In 1994, Tewes was a field director for Ann Wynia's US Senate Campaign in Minnesota. The following election cycle, in 1996, he was Campaign Manager of Congressman David Minge's successful re-election bid to Minnesota's Second Congressional District. Then, in 1998, Tewes ran the successful re-election campaign of Wisconsin Senator Russ Feingold. In 2000, Tewes was Al Gore's Iowa State Caucus director. From 2001 to 2004, he worked for the Democratic Senatorial Campaign Committee (DSCC), where he was the National Coordinated Campaign Director for the 2002 election cycle and the Political Director for the 2004 cycle.
In 2005 Tewes partnered with Steve Hildebrand to form Hildebrand Tewes Consulting, a political campaign consulting firm with offices in Washington D.C. and Sioux Falls. In early 2007 Tewes and Hildebrand took a leave of absence from day-to-day operations of the firm to work for the Obama campaign—Hildebrand was Obama's Deputy Campaign Manager.

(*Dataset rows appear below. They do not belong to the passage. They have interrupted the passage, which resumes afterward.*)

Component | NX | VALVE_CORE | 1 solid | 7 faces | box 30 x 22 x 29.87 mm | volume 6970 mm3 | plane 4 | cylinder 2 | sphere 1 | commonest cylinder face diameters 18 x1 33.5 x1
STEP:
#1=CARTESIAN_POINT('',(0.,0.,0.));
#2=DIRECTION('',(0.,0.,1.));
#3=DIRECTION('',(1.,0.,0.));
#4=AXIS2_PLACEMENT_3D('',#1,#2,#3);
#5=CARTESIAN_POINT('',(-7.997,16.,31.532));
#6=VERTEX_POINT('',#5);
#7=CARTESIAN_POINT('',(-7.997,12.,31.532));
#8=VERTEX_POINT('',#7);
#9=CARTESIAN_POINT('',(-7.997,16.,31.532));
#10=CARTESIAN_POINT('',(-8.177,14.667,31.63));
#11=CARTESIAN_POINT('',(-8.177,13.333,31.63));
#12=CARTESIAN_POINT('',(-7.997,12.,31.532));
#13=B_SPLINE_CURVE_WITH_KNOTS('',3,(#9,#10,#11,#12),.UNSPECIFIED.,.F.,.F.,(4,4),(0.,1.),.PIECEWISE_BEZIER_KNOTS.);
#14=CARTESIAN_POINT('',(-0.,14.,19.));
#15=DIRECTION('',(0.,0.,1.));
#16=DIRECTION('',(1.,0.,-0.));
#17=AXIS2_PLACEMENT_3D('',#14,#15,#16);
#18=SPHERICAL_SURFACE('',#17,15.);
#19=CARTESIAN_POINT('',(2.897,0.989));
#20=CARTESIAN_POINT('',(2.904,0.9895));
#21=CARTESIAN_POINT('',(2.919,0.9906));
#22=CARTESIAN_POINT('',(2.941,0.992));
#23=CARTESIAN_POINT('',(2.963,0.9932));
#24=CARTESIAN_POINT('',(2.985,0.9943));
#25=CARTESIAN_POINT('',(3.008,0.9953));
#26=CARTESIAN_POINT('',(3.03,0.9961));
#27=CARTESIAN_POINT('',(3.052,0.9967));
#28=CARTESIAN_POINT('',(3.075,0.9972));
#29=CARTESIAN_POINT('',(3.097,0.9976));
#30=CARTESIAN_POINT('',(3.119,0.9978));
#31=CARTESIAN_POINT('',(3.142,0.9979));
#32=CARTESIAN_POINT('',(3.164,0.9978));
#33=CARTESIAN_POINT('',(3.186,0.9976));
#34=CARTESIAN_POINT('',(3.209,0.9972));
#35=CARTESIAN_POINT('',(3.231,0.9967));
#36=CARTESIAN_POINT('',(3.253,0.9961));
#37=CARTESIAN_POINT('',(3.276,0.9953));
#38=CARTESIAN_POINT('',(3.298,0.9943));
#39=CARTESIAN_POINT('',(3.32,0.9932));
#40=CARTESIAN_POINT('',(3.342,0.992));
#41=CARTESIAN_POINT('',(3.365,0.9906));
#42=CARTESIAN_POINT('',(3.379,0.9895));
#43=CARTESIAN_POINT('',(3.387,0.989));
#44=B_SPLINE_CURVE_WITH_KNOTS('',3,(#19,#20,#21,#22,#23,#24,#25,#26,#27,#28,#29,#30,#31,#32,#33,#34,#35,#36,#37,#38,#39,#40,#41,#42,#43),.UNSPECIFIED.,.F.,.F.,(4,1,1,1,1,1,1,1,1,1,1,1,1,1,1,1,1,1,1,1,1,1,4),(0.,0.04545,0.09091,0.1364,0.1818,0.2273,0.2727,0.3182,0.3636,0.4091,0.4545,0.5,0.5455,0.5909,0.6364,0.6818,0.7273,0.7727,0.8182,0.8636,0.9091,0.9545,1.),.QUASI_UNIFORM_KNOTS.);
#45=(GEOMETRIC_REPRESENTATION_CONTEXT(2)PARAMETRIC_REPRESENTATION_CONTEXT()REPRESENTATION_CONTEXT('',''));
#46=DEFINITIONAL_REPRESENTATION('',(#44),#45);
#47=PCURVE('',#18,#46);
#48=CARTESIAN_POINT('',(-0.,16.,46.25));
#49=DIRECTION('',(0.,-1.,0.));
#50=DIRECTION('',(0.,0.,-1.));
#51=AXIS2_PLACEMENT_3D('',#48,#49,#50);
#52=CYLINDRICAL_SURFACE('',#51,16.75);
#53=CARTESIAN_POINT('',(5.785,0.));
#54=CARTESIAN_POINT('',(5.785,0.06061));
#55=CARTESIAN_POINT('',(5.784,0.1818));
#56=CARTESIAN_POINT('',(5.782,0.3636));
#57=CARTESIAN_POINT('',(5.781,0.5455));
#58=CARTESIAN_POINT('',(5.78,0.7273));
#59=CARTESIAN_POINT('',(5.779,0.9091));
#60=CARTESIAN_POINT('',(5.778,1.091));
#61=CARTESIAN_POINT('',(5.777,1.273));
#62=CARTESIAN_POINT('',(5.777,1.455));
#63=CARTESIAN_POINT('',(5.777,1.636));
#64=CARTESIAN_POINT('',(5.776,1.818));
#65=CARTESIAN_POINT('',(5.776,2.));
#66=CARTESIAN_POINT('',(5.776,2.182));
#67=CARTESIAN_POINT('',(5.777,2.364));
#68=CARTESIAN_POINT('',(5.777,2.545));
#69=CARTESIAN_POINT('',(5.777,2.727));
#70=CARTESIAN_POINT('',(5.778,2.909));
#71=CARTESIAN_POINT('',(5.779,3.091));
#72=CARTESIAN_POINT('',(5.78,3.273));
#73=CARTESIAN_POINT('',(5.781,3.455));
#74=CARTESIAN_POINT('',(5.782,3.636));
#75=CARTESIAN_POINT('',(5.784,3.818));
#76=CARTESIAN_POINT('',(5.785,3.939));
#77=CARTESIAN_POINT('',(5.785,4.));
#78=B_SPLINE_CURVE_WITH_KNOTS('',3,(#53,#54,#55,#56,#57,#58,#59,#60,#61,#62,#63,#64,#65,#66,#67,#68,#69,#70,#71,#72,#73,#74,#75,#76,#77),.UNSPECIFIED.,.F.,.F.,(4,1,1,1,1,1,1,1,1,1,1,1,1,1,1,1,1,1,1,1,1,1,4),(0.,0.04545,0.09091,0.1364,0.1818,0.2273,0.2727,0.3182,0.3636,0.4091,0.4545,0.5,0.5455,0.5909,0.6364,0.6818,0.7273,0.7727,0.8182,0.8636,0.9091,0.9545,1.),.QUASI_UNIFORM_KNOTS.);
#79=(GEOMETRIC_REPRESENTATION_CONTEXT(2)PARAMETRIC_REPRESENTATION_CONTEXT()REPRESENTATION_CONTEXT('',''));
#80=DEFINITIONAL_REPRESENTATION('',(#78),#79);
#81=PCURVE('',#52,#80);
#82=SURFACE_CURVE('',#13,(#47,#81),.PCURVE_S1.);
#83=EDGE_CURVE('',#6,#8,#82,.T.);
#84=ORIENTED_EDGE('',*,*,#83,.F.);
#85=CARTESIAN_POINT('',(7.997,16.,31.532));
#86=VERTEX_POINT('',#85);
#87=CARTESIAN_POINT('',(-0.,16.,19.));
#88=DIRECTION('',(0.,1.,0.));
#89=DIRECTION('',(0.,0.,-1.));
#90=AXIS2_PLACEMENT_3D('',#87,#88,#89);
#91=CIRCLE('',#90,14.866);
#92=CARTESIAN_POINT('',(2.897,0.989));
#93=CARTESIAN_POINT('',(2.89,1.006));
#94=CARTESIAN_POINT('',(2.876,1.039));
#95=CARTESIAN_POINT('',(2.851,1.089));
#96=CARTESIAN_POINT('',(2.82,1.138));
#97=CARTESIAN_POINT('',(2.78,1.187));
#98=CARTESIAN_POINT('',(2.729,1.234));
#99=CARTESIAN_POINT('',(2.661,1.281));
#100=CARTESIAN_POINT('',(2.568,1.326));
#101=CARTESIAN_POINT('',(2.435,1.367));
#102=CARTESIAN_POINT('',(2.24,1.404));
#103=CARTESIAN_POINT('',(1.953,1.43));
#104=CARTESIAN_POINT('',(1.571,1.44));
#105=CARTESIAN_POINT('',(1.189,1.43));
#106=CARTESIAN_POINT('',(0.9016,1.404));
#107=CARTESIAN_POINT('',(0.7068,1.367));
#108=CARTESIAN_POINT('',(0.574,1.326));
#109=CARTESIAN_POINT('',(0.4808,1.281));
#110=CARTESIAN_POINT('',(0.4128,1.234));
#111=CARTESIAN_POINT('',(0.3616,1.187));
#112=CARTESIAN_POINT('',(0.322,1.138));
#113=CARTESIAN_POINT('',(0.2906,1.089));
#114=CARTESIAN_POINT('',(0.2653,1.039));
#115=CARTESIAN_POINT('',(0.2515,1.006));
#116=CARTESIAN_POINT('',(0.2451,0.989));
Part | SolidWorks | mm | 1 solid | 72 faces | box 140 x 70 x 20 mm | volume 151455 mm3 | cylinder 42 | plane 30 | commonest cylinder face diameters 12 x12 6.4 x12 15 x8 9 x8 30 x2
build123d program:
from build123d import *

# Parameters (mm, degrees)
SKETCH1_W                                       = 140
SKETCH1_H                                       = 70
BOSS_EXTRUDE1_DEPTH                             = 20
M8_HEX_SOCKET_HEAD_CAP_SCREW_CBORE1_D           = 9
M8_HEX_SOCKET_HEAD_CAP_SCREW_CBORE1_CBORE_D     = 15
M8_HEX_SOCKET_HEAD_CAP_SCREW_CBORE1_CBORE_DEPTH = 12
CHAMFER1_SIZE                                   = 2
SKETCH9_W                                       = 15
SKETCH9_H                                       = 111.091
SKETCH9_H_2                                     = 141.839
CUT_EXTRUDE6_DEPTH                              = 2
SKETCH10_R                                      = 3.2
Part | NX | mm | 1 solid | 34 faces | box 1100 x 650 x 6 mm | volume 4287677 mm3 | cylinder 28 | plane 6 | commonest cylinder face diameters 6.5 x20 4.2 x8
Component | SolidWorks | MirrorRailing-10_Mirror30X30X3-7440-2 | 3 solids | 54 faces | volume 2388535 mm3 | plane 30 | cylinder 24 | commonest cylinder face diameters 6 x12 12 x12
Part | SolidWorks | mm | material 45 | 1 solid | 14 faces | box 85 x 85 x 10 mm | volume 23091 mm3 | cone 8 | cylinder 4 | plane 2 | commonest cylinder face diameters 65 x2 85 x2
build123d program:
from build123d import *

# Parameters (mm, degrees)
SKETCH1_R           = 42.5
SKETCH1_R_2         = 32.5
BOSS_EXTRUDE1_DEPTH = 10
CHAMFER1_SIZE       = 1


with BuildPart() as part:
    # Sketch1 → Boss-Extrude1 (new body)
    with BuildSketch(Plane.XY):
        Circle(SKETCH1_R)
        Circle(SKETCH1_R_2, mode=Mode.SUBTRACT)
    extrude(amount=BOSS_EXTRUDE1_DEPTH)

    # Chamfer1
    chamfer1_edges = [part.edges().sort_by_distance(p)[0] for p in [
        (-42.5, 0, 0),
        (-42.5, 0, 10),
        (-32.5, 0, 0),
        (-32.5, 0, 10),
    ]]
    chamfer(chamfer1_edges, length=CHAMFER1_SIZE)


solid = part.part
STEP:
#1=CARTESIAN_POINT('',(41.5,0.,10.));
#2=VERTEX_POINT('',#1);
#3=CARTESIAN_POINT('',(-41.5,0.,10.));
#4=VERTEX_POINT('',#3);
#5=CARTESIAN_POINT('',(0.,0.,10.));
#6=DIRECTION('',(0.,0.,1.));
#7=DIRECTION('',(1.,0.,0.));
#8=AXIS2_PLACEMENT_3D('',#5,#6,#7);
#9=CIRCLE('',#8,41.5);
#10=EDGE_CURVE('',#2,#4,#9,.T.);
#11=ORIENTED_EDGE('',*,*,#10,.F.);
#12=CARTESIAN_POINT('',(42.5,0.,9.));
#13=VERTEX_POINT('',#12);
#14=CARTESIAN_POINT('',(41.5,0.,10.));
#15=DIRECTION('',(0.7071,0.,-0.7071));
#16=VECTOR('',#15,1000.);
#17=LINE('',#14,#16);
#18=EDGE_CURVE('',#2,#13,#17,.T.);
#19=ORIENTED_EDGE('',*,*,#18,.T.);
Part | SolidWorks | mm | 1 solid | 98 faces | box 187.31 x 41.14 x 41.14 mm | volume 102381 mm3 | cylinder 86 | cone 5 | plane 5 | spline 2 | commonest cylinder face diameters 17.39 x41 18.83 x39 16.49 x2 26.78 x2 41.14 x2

Shortly after Barack Obama clinched the nomination of the Democratic Party for president, it was reported that Obama would send Tewes to the Democratic National Committee (DNC) to overhaul the organization and help oversee fundraising. Howard Dean stayed on as DNC chairman.

Tewes worked at New Partners consulting firm in Washington, D.C. following the 2008 election. He has since started his own consulting firm, the Smoot Tewes Group, with fellow 2008 Obama Campaign veteran Julianna Smoot.

Tewes is a 1993 graduate of Carleton College in Northfield, Minnesota.